First OpenSocial Application Hacked Within 45 Minutes

It didn’t take long for someone to hack the first OpenSocial application. In fact, it took just 45 minutes.

A developer who goes by the alias “theharmonyguy” and describes himself as “just an amateur” claims to have compromised the RockYou OpenSocial application on Plaxo called emote (see the Plaxo blog for details on the application). Specifically, he claims to have added a number of emoticons to Plaxo VP Marketing John McCrea’s profile within 45 minutes of it launching.

In an email, McCrea said he added all of the emoticons himself and his account doesn’t appear to be hacked. But when I asked theharmonyguy to hack my Plaxo account he did, within minutes, adding four quick emoticon messages such as “michael arrington is getting my bling on” and “michael arrington is w00t” (see image to left, none of those were added by me). theharmoneyguy then added one more to McCrea’s account, which will be difficult for him to deny:

theharmonyguy also pointed out specific problems with RockYou’s code, including some fairly humorous comments:

Some interesting code in there. For one, the app still doesn’t seem to be live for most of us (John McCrea from Plaxo has used it somehow) – it currently loads a “Please wait” iframe that never changes. But check out these code comments:

// TODO: no error checking – we’re bold…
// TODO: figure out why this is necessary???

Also, the code constantly branches between Plaxo and “default,” which appears to be Orkut. In fact, there are some hardcoded names that I bet showed up in some OpenSocial screenshots somewhere:

if (getContainerType() == “orkut”)
friendIds[iNumFriends] = “11285577331363942034”;
friendNames[iNumFriends] = “Raymond Chan”;
iNumFriends = iNumFriends + 1;

friendIds[iNumFriends] = “15479081059638046412”;
friendNames[iNumFriends] = “Jia Shen”;
iNumFriends = iNumFriends + 1;

theharmonyguy says he’s successfully hacked Facebook applications too, including the Superpoke app, but that it is more difficult:

Facebook apps are not quite this easy. The main issue I’ve found with Facebook apps is being able to access people’s app-related history; for instance, until recently, I could access the SuperPoke action feed for any user. (I could also SuperPoke any user; not sure if they’ve fixed that one. Finally, I can access all the SuperPoke actions – they haven’t fixed that one, but it’s more just for fun.) There are other apps where, last I checked, that was still an issue ( e.g. viewing anyone’s Graffiti posts).
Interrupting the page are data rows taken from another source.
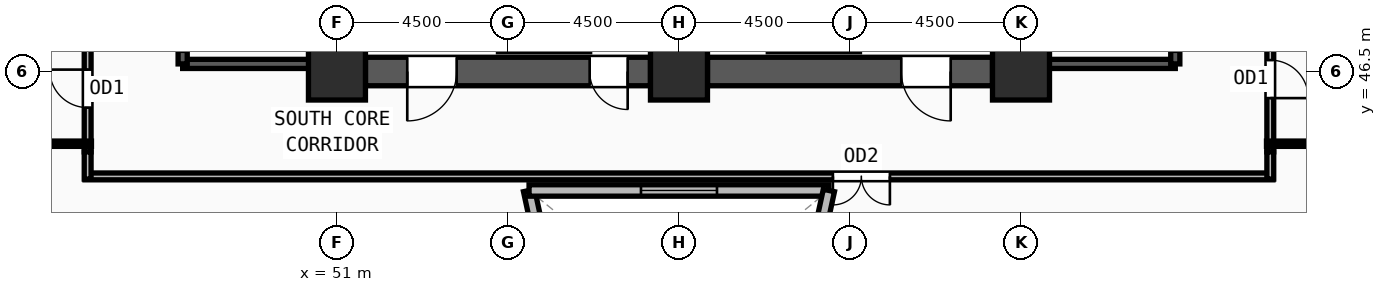
"""IFC4 building model, lengths in metres.
Left out: names, types, materials, properties, quantities, classifications, styles, units other than length and angle.
Written with IfcOpenShell. Run it as: python <this file> out.ifc"""

import sys

from ifc_helpers import new_model, si_unit, direction, frame, frame_2d, origin, origin_2d, place, context, subcontext, project, spatial, rectangle, extrude, source, transform, mapped, element, fill, save


model = new_model("IFC4")
c1 = context("Model", 3, precision=1e-05, world=origin(), true_north=direction((0.0, 1.0)))
c2 = subcontext(c1, "Body", "Model", "MODEL_VIEW")
j1 = project(units=[si_unit("LENGTHUNIT", "METRE"), si_unit("PLANEANGLEUNIT", "RADIAN")], contexts=[c1])
p1 = place(None, origin())
s1 = spatial("IfcSite", under=j1, at=p1, CompositionType="ELEMENT")
p2 = place(p1, origin())
s2 = spatial("IfcBuilding", under=s1, at=p2, CompositionType="ELEMENT")
p3 = place(p2, frame((0.0, 0.0, 166.5)))
s3 = spatial("IfcBuildingStorey", under=s2, at=p3, CompositionType="ELEMENT", Elevation=166.5)
m1 = source(origin(), c2, "Body", "SweptSolid", [
    extrude(rectangle(XDim=1.5, YDim=1.5, at=origin_2d()), origin(), (0.0, 0.0, 1.0), 3.75),
])
for number, where, z_axis, x_axis in (
    (1, (51.0, 46.5, 0.0), (0.0, 0.0, 1.0), (1.0, 0.0, 0.0)),
    (2, (60.0, 46.5, 0.0), (0.0, 0.0, 1.0), (1.0, 0.0, 0.0)),
    (3, (69.0, 46.5, 0.0), (0.0, 0.0, 1.0), (1.0, 0.0, 0.0)),
):
    element("IfcColumn", number, at=place(p3, frame(where, z_axis=z_axis, x_axis=x_axis)), inside=s3, PredefinedType="COLUMN", context=c2, shape_type="MappedRepresentation", body=[
        mapped(m1, transform((0.0, 0.0, 0.0), x_axis=(1.0, 0.0, 0.0), y_axis=(0.0, 1.0, 0.0), z_axis=(0.0, 0.0, 1.0), scale=1.0)),
    ])
p4 = place(p3, frame((66.073, 17.699, 0.0), z_axis=(0.0, 0.0, 1.0), x_axis=(0.551232339882, 0.834351788796, 0.0)))
e4 = element("IfcWall", 4, at=p4, inside=s3, PredefinedType="SOLIDWALL", context=c2, shape_type="SweptSolid", body=[
    extrude(rectangle(XDim=30.439, YDim=0.42, at=frame_2d((15.22, 0.0))), origin(), (0.0, 0.0, 1.0), 3.57),
])
m2 = source(origin(), c2, "Body", "SweptSolid", [
    extrude(rectangle(XDim=1.65, YDim=1.95, at=frame_2d((0.825, 0.975))), frame((0.0, 0.22, 0.0), z_axis=(0.0, -1.0, 0.0), x_axis=(1.0, 0.0, 0.0)), (0.0, 0.0, 1.0), 0.44),
])
p5 = place(p4, frame((6.785, 0.0, 0.55)))
e5 = element("IfcOpeningElement", 5, at=p5, cuts=e4, PredefinedType="OPENING", context=c2, shape_type="MappedRepresentation", body=[
    mapped(m2, transform((0.0, 0.0, 0.0), x_axis=(1.0, 0.0, 0.0), y_axis=(0.0, 1.0, 0.0), z_axis=(0.0, 0.0, 1.0), scale=1.0)),
])
p6 = place(p4, frame((14.395, 0.0, 0.55)))
e6 = element("IfcOpeningElement", 6, at=p6, cuts=e4, PredefinedType="OPENING", context=c2, shape_type="MappedRepresentation", body=[
    mapped(m2, transform((0.0, 0.0, 0.0), x_axis=(1.0, 0.0, 0.0), y_axis=(0.0, 1.0, 0.0), z_axis=(0.0, 0.0, 1.0), scale=1.0)),
])
p7 = place(p4, frame((22.004, 0.0, 0.55)))
e7 = element("IfcOpeningElement", 7, at=p7, cuts=e4, PredefinedType="OPENING", context=c2, shape_type="MappedRepresentation", body=[
    mapped(m2, transform((0.0, 0.0, 0.0), x_axis=(1.0, 0.0, 0.0), y_axis=(0.0, 1.0, 0.0), z_axis=(0.0, 0.0, 1.0), scale=1.0)),
])
p8 = place(p3, frame((68.25, 46.5, 0.0), z_axis=(0.0, 0.0, 1.0), x_axis=(-1.0, 0.0, 0.0)))
e8 = element("IfcWall", 8, at=p8, inside=s3, PredefinedType="SHEAR", context=c2, shape_type="SweptSolid", body=[
    extrude(rectangle(XDim=7.5, YDim=0.75, at=frame_2d((3.75, 0.0))), origin(), (0.0, 0.0, 1.0), 3.57),
])
m3 = source(origin(), c2, "Body", "SweptSolid", [
    extrude(rectangle(XDim=1.3, YDim=2.2, at=frame_2d((0.65, 1.1))), frame((0.0, 0.385, 0.0), z_axis=(0.0, -1.0, 0.0), x_axis=(1.0, 0.0, 0.0)), (0.0, 0.0, 1.0), 0.77),
])
p9 = place(p8, frame((1.1, 0.0, 0.0)))
e9 = element("IfcOpeningElement", 9, at=p9, cuts=e8, PredefinedType="OPENING", context=c2, shape_type="MappedRepresentation", body=[
    mapped(m3, transform((0.0, 0.0, 0.0), x_axis=(1.0, 0.0, 0.0), y_axis=(0.0, 1.0, 0.0), z_axis=(0.0, 0.0, 1.0), scale=1.0)),
])
p10 = place(p3, frame((59.25, 46.5, 0.0), z_axis=(0.0, 0.0, 1.0), x_axis=(-1.0, 0.0, 0.0)))
e10 = element("IfcWall", 10, at=p10, inside=s3, PredefinedType="SHEAR", context=c2, shape_type="SweptSolid", body=[
    extrude(rectangle(XDim=7.5, YDim=0.75, at=frame_2d((3.75, 0.0))), origin(), (0.0, 0.0, 1.0), 3.57),
])
p11 = place(p10, frame((5.1, 0.0, 0.0)))
e11 = element("IfcOpeningElement", 11, at=p11, cuts=e10, PredefinedType="OPENING", context=c2, shape_type="MappedRepresentation", body=[
    mapped(m3, transform((0.0, 0.0, 0.0), x_axis=(1.0, 0.0, 0.0), y_axis=(0.0, 1.0, 0.0), z_axis=(0.0, 0.0, 1.0), scale=1.0)),
])
m4 = source(origin(), c2, "Body", "SweptSolid", [
    extrude(rectangle(XDim=1.0, YDim=2.2, at=frame_2d((0.5, 1.1))), frame((0.0, 0.385, 0.0), z_axis=(0.0, -1.0, 0.0), x_axis=(1.0, 0.0, 0.0)), (0.0, 0.0, 1.0), 0.77),
])
p12 = place(p10, frame((0.6, 0.0, 0.0)))
e12 = element("IfcOpeningElement", 12, at=p12, cuts=e10, PredefinedType="OPENING", context=c2, shape_type="MappedRepresentation", body=[
    mapped(m4, transform((0.0, 0.0, 0.0), x_axis=(1.0, 0.0, 0.0), y_axis=(0.0, 1.0, 0.0), z_axis=(0.0, 0.0, 1.0), scale=1.0)),
])
p13 = place(p3, frame((46.94, 46.7, 0.0), z_axis=(0.0, 0.0, 1.0), x_axis=(1.0, 0.0, 0.0)))
e13 = element("IfcWall", 13, at=p13, inside=s3, PredefinedType="SOLIDWALL", context=c2, shape_type="SweptSolid", body=[
    extrude(rectangle(XDim=3.44, YDim=0.24, at=frame_2d((1.72, 0.0))), origin(), (0.0, 0.0, 1.0), 3.57),
])
p14 = place(p3, frame((50.38, 46.7, 0.0), z_axis=(0.0, 0.0, 1.0), x_axis=(0.0, 1.0, 0.0)))
e14 = element("IfcWall", 14, at=p14, inside=s3, PredefinedType="SOLIDWALL", context=c2, shape_type="SweptSolid", body=[
    extrude(rectangle(XDim=7.82, YDim=0.24, at=frame_2d((3.91, 0.0))), origin(), (0.0, 0.0, 1.0), 3.57),
])
p15 = place(p3, frame((46.94, 54.52, 0.0), z_axis=(0.0, 0.0, 1.0), x_axis=(0.0, -1.0, 0.0)))
e15 = element("IfcWall", 15, at=p15, inside=s3, PredefinedType="SOLIDWALL", context=c2, shape_type="SweptSolid", body=[
    extrude(rectangle(XDim=7.82, YDim=0.24, at=frame_2d((3.91, 0.0))), origin(), (0.0, 0.0, 1.0), 3.57),
])
m5 = source(origin(), c2, "Body", "SweptSolid", [
    extrude(rectangle(XDim=1.2, YDim=2.2, at=frame_2d((0.6, 1.1))), frame((0.0, 0.13, 0.0), z_axis=(0.0, -1.0, 0.0), x_axis=(1.0, 0.0, 0.0)), (0.0, 0.0, 1.0), 0.26),
])
p16 = place(p15, frame((6.3, 0.0, 0.0)))
e16 = element("IfcOpeningElement", 16, at=p16, cuts=e15, PredefinedType="OPENING", context=c2, shape_type="MappedRepresentation", body=[
    mapped(m5, transform((0.0, 0.0, 0.0), x_axis=(1.0, 0.0, 0.0), y_axis=(0.0, 1.0, 0.0), z_axis=(0.0, 0.0, 1.0), scale=1.0)),
])
p17 = place(p3, frame((69.62, 46.7, 0.0), z_axis=(0.0, 0.0, 1.0), x_axis=(1.0, 0.0, 0.0)))
e17 = element("IfcWall", 17, at=p17, inside=s3, PredefinedType="SOLIDWALL", context=c2, shape_type="SweptSolid", body=[
    extrude(rectangle(XDim=3.44, YDim=0.24, at=frame_2d((1.72, 0.0))), origin(), (0.0, 0.0, 1.0), 3.57),
])
p18 = place(p3, frame((73.06, 46.7, 0.0), z_axis=(0.0, 0.0, 1.0), x_axis=(0.0, 1.0, 0.0)))
e18 = element("IfcWall", 18, at=p18, inside=s3, PredefinedType="SOLIDWALL", context=c2, shape_type="SweptSolid", body=[
    extrude(rectangle(XDim=7.82, YDim=0.24, at=frame_2d((3.91, 0.0))), origin(), (0.0, 0.0, 1.0), 3.57),
])
p19 = place(p18, frame((0.32, 0.0, 0.0)))
e19 = element("IfcOpeningElement", 19, at=p19, cuts=e18, PredefinedType="OPENING", context=c2, shape_type="MappedRepresentation", body=[
    mapped(m5, transform((0.0, 0.0, 0.0), x_axis=(1.0, 0.0, 0.0), y_axis=(0.0, 1.0, 0.0), z_axis=(0.0, 0.0, 1.0), scale=1.0)),
])
p20 = place(p3, frame((69.62, 54.52, 0.0), z_axis=(0.0, 0.0, 1.0), x_axis=(0.0, -1.0, 0.0)))
e20 = element("IfcWall", 20, at=p20, inside=s3, PredefinedType="SOLIDWALL", context=c2, shape_type="SweptSolid", body=[
    extrude(rectangle(XDim=7.82, YDim=0.24, at=frame_2d((3.91, 0.0))), origin(), (0.0, 0.0, 1.0), 3.57),
])
p21 = place(p3, frame((57.436, 36.985, 0.0), z_axis=(0.0, 0.0, 1.0), x_axis=(-0.211414812525, 0.977396427784, 0.0)))
e21 = element("IfcWall", 21, at=p21, inside=s3, PredefinedType="SOLIDWALL", context=c2, shape_type="SweptSolid", body=[
    extrude(rectangle(XDim=6.533, YDim=0.3, at=frame_2d((3.266, 0.0))), origin(), (0.0, 0.0, 1.0), 3.57),
])
m6 = source(origin(), c2, "Body", "SweptSolid", [
    extrude(rectangle(XDim=2.0, YDim=1.9, at=frame_2d((1.0, 0.95))), frame((0.0, 0.16, 0.0), z_axis=(0.0, -1.0, 0.0), x_axis=(1.0, 0.0, 0.0)), (0.0, 0.0, 1.0), 0.32),
])
p22 = place(p21, frame((2.266, 0.0, 0.55)))
e22 = element("IfcOpeningElement", 22, at=p22, cuts=e21, PredefinedType="OPENING", context=c2, shape_type="MappedRepresentation", body=[
    mapped(m6, transform((0.0, 0.0, 0.0), x_axis=(1.0, 0.0, 0.0), y_axis=(0.0, 1.0, 0.0), z_axis=(0.0, 0.0, 1.0), scale=1.0)),
])
p23 = place(p3, frame((56.055, 43.37, 0.0), z_axis=(0.0, 0.0, 1.0), x_axis=(1.0, 0.0, 0.0)))
e23 = element("IfcWall", 23, at=p23, inside=s3, PredefinedType="SOLIDWALL", context=c2, shape_type="SweptSolid", body=[
    extrude(rectangle(XDim=7.89, YDim=0.3, at=frame_2d((3.945, 0.0))), origin(), (0.0, 0.0, 1.0), 3.57),
])
p24 = place(p23, frame((2.945, 0.0, 0.55)))
e24 = element("IfcOpeningElement", 24, at=p24, cuts=e23, PredefinedType="OPENING", context=c2, shape_type="MappedRepresentation", body=[
    mapped(m6, transform((0.0, 0.0, 0.0), x_axis=(1.0, 0.0, 0.0), y_axis=(0.0, 1.0, 0.0), z_axis=(0.0, 0.0, 1.0), scale=1.0)),
])
p25 = place(p3, frame((63.945, 43.37, 0.0), z_axis=(0.0, 0.0, 1.0), x_axis=(-0.211414812525, -0.977396427784, 0.0)))
e25 = element("IfcWall", 25, at=p25, inside=s3, PredefinedType="SOLIDWALL", context=c2, shape_type="SweptSolid", body=[
    extrude(rectangle(XDim=6.533, YDim=0.3, at=frame_2d((3.266, 0.0))), origin(), (0.0, 0.0, 1.0), 3.57),
])
p26 = place(p25, frame((2.266, 0.0, 0.55)))
e26 = element("IfcOpeningElement", 26, at=p26, cuts=e25, PredefinedType="OPENING", context=c2, shape_type="MappedRepresentation", body=[
    mapped(m6, transform((0.0, 0.0, 0.0), x_axis=(1.0, 0.0, 0.0), y_axis=(0.0, 1.0, 0.0), z_axis=(0.0, 0.0, 1.0), scale=1.0)),
])
p27 = place(p3, frame((44.44, 44.385, 0.0), z_axis=(0.0, 0.0, 1.0), x_axis=(0.0, 1.0, 0.0)))
e27 = element("IfcWall", 27, at=p27, inside=s3, PredefinedType="PARTITIONING", context=c2, shape_type="SweptSolid", body=[
    extrude(rectangle(XDim=3.33, YDim=0.18, at=frame_2d((1.665, 0.0))), origin(), (0.0, 0.0, 1.0), 3.57),
])
m7 = source(origin(), c2, "Body", "SweptSolid", [
    extrude(rectangle(XDim=1.0, YDim=2.2, at=frame_2d((0.5, 1.1))), frame((0.0, 0.1, 0.0), z_axis=(0.0, -1.0, 0.0), x_axis=(1.0, 0.0, 0.0)), (0.0, 0.0, 1.0), 0.2),
])
p28 = place(p27, frame((1.165, 0.0, 0.0)))
e28 = element("IfcOpeningElement", 28, at=p28, cuts=e27, PredefinedType="OPENING", context=c2, shape_type="MappedRepresentation", body=[
    mapped(m7, transform((0.0, 0.0, 0.0), x_axis=(1.0, 0.0, 0.0), y_axis=(0.0, 1.0, 0.0), z_axis=(0.0, 0.0, 1.0), scale=1.0)),
])
p29 = place(p3, frame((75.63, 43.74, 0.0), z_axis=(0.0, 0.0, 1.0), x_axis=(-1.0, 0.0, 0.0)))
e29 = element("IfcWall", 29, at=p29, inside=s3, PredefinedType="PARTITIONING", context=c2, shape_type="SweptSolid", body=[
    extrude(rectangle(XDim=31.26, YDim=0.18, at=frame_2d((15.63, 0.0))), origin(), (0.0, 0.0, 1.0), 3.57),
])
m8 = source(origin(), c2, "Body", "SweptSolid", [
    extrude(rectangle(XDim=1.5, YDim=2.2, at=frame_2d((0.75, 1.1))), frame((0.0, 0.1, 0.0), z_axis=(0.0, -1.0, 0.0), x_axis=(1.0, 0.0, 0.0)), (0.0, 0.0, 1.0), 0.2),
])
p30 = place(p29, frame((10.08, 0.0, 0.0)))
e30 = element("IfcOpeningElement", 30, at=p30, cuts=e29, PredefinedType="OPENING", context=c2, shape_type="MappedRepresentation", body=[
    mapped(m8, transform((0.0, 0.0, 0.0), x_axis=(1.0, 0.0, 0.0), y_axis=(0.0, 1.0, 0.0), z_axis=(0.0, 0.0, 1.0), scale=1.0)),
])
p31 = place(p3, frame((75.56, 48.215, 0.0), z_axis=(0.0, 0.0, 1.0), x_axis=(0.0, -1.0, 0.0)))
e31 = element("IfcWall", 31, at=p31, inside=s3, PredefinedType="PARTITIONING", context=c2, shape_type="SweptSolid", body=[
    extrude(rectangle(XDim=3.83, YDim=0.18, at=frame_2d((1.915, 0.0))), origin(), (0.0, 0.0, 1.0), 3.155),
])
p32 = place(p31, frame((1.415, 0.0, 0.0)))
e32 = element("IfcOpeningElement", 32, at=p32, cuts=e31, PredefinedType="OPENING", context=c2, shape_type="MappedRepresentation", body=[
    mapped(m7, transform((0.0, 0.0, 0.0), x_axis=(1.0, 0.0, 0.0), y_axis=(0.0, 1.0, 0.0), z_axis=(0.0, 0.0, 1.0), scale=1.0)),
])
for number, where, z_axis, x_axis in (
    (33, (44.44, 43.67, 0.0), (0.0, 0.0, 1.0), (0.0, 1.0, 0.0)),
    (34, (75.56, 44.385, 0.0), (0.0, 0.0, 1.0), (0.0, -1.0, 0.0)),
):
    element("IfcWall", number, at=place(p3, frame(where, z_axis=z_axis, x_axis=x_axis)), inside=s3, PredefinedType="PARTITIONING", context=c2, shape_type="SweptSolid", body=[
        extrude(rectangle(XDim=0.715, YDim=0.18, at=frame_2d((0.357, 0.0))), origin(), (0.0, 0.0, 1.0), 3.57),
    ])
p33 = place(p3, frame((44.54, 44.6, 0.0), z_axis=(0.0, 0.0, 1.0), x_axis=(-1.0, 0.0, 0.0)))
e35 = element("IfcWall", 35, at=p33, inside=s3, PredefinedType="PARTITIONING", context=c2, shape_type="SweptSolid", body=[
    extrude(rectangle(XDim=8.58, YDim=0.14, at=frame_2d((4.29, 0.0))), origin(), (0.0, 0.0, 1.0), 3.57),
])
p34 = place(p3, frame((75.46, 44.6, 0.0), z_axis=(0.0, 0.0, 1.0), x_axis=(1.0, 0.0, 0.0)))
e36 = element("IfcWall", 36, at=p34, inside=s3, PredefinedType="PARTITIONING", context=c2, shape_type="SweptSolid", body=[
    extrude(rectangle(XDim=8.922, YDim=0.14, at=frame_2d((4.461, 0.0))), origin(), (0.0, 0.0, 1.0), 3.57),
])
m9 = source(origin(), c2, "Body", "SweptSolid", [
    extrude(rectangle(XDim=1.3, YDim=2.2, at=frame_2d((0.65, 1.1))), frame((0.0, 0.025, 0.0), z_axis=(0.0, -1.0, 0.0), x_axis=(1.0, 0.0, 0.0)), (0.0, 0.0, 1.0), 0.05),
])
p35 = place(p11, origin())
e37 = element("IfcDoor", 37, at=p35, inside=s3, OperationType="SINGLE_SWING_RIGHT", PredefinedType="DOOR", context=c2, shape_type="MappedRepresentation", body=[
    mapped(m9, transform((0.0, 0.0, 0.0), x_axis=(1.0, 0.0, 0.0), y_axis=(0.0, 1.0, 0.0), z_axis=(0.0, 0.0, 1.0), scale=1.0)),
])
fill(e11, e37)
m10 = source(origin(), c2, "Body", "SweptSolid", [
    extrude(rectangle(XDim=1.0, YDim=2.2, at=frame_2d((0.5, 1.1))), frame((0.0, 0.025, 0.0), z_axis=(0.0, -1.0, 0.0), x_axis=(1.0, 0.0, 0.0)), (0.0, 0.0, 1.0), 0.05),
])
p36 = place(p12, origin())
e38 = element("IfcDoor", 38, at=p36, inside=s3, OperationType="SINGLE_SWING_LEFT", PredefinedType="DOOR", context=c2, shape_type="MappedRepresentation", body=[
    mapped(m10, transform((0.0, 0.0, 0.0), x_axis=(1.0, 0.0, 0.0), y_axis=(0.0, 1.0, 0.0), z_axis=(0.0, 0.0, 1.0), scale=1.0)),
])
fill(e12, e38)
p37 = place(p9, origin())
e39 = element("IfcDoor", 39, at=p37, inside=s3, OperationType="SINGLE_SWING_LEFT", PredefinedType="DOOR", context=c2, shape_type="MappedRepresentation", body=[
    mapped(m9, transform((0.0, 0.0, 0.0), x_axis=(1.0, 0.0, 0.0), y_axis=(0.0, 1.0, 0.0), z_axis=(0.0, 0.0, 1.0), scale=1.0)),
])
fill(e9, e39)
m11 = source(origin(), c2, "Body", "SweptSolid", [
    extrude(rectangle(XDim=2.0, YDim=1.9, at=frame_2d((1.0, 0.95))), frame((0.0, 0.03, 0.0), z_axis=(0.0, -1.0, 0.0), x_axis=(1.0, 0.0, 0.0)), (0.0, 0.0, 1.0), 0.06),
])
p38 = place(p24, origin())
e40 = element("IfcWindow", 40, at=p38, inside=s3, PartitioningType="DOUBLE_PANEL_VERTICAL", PredefinedType="WINDOW", context=c2, shape_type="MappedRepresentation", body=[
    mapped(m11, transform((0.0, 0.0, 0.0), x_axis=(1.0, 0.0, 0.0), y_axis=(0.0, 1.0, 0.0), z_axis=(0.0, 0.0, 1.0), scale=1.0)),
])
fill(e24, e40)
p39 = place(p28, origin())
e41 = element("IfcDoor", 41, at=p39, inside=s3, OperationType="SINGLE_SWING_RIGHT", PredefinedType="DOOR", context=c2, shape_type="MappedRepresentation", body=[
    mapped(m10, transform((0.0, 0.0, 0.0), x_axis=(1.0, 0.0, 0.0), y_axis=(0.0, 1.0, 0.0), z_axis=(0.0, 0.0, 1.0), scale=1.0)),
])
fill(e28, e41)
m12 = source(origin(), c2, "Body", "SweptSolid", [
    extrude(rectangle(XDim=1.5, YDim=2.2, at=frame_2d((0.75, 1.1))), frame((0.0, 0.025, 0.0), z_axis=(0.0, -1.0, 0.0), x_axis=(1.0, 0.0, 0.0)), (0.0, 0.0, 1.0), 0.05),
])
p40 = place(p30, origin())
e42 = element("IfcDoor", 42, at=p40, inside=s3, OperationType="DOUBLE_DOOR_SINGLE_SWING", PredefinedType="DOOR", context=c2, shape_type="MappedRepresentation", body=[
    mapped(m12, transform((0.0, 0.0, 0.0), x_axis=(1.0, 0.0, 0.0), y_axis=(0.0, 1.0, 0.0), z_axis=(0.0, 0.0, 1.0), scale=1.0)),
])
fill(e30, e42)
p41 = place(p32, origin())
e43 = element("IfcDoor", 43, at=p41, inside=s3, OperationType="SINGLE_SWING_RIGHT", PredefinedType="DOOR", context=c2, shape_type="MappedRepresentation", body=[
    mapped(m10, transform((0.0, 0.0, 0.0), x_axis=(1.0, 0.0, 0.0), y_axis=(0.0, 1.0, 0.0), z_axis=(0.0, 0.0, 1.0), scale=1.0)),
])
fill(e32, e43)
save(model, sys.argv[1])

But the way Facebook setup their platform, it’s tons harder to actually imitate a user and change profile info like this. I’m sure this kind of issue could be easily solved by some verification code on RockYou’s part, but it’s not inherent in the platform – unlike Facebook. I could do a lot more like this on FB if Facebook hadn’t set things up the way they did.

Oh, Facebook apps can also be prone to injection – I can insert any FBML I want onto the canvas pages of one popular app. But once again, I can’t really do anything, because to interface with the app requires me to have code related to that app, which isn’t generally available. Not sure if Google’s iframe implementation will be the same way.

Of course, the ability to change emoticons isn’t a particularly malicious hack; but the ease in which this was done suggests that Google has some work to do in getting its new platform stable. If they don’t, more damaging stuff may be on the way.

Update: Joseph Smarr, Plaxo’s Chief Platform Architect, says he has taken the application down for now:

Hi, just caught this thread now. Michael-thanks for the info. It does look like something isn’t quite working right. While I suspect it’s benign, e.g. some of the rockyou code not distinguishing between the “owner” and the “viewer” of the gadget (this stuff is not always easy to keep straight), I want to err on the side of caution, so I’m going to de-white-list the gadget for now.

As is, we’re maintaining a strict white-list so we don’t have any random would-be hackers messing around, and the platform itself is still a work in progress. Hopefully the benefit of seeing some real working OpenSocial code in production is worth bearing with a few kinks that need to get ironed out.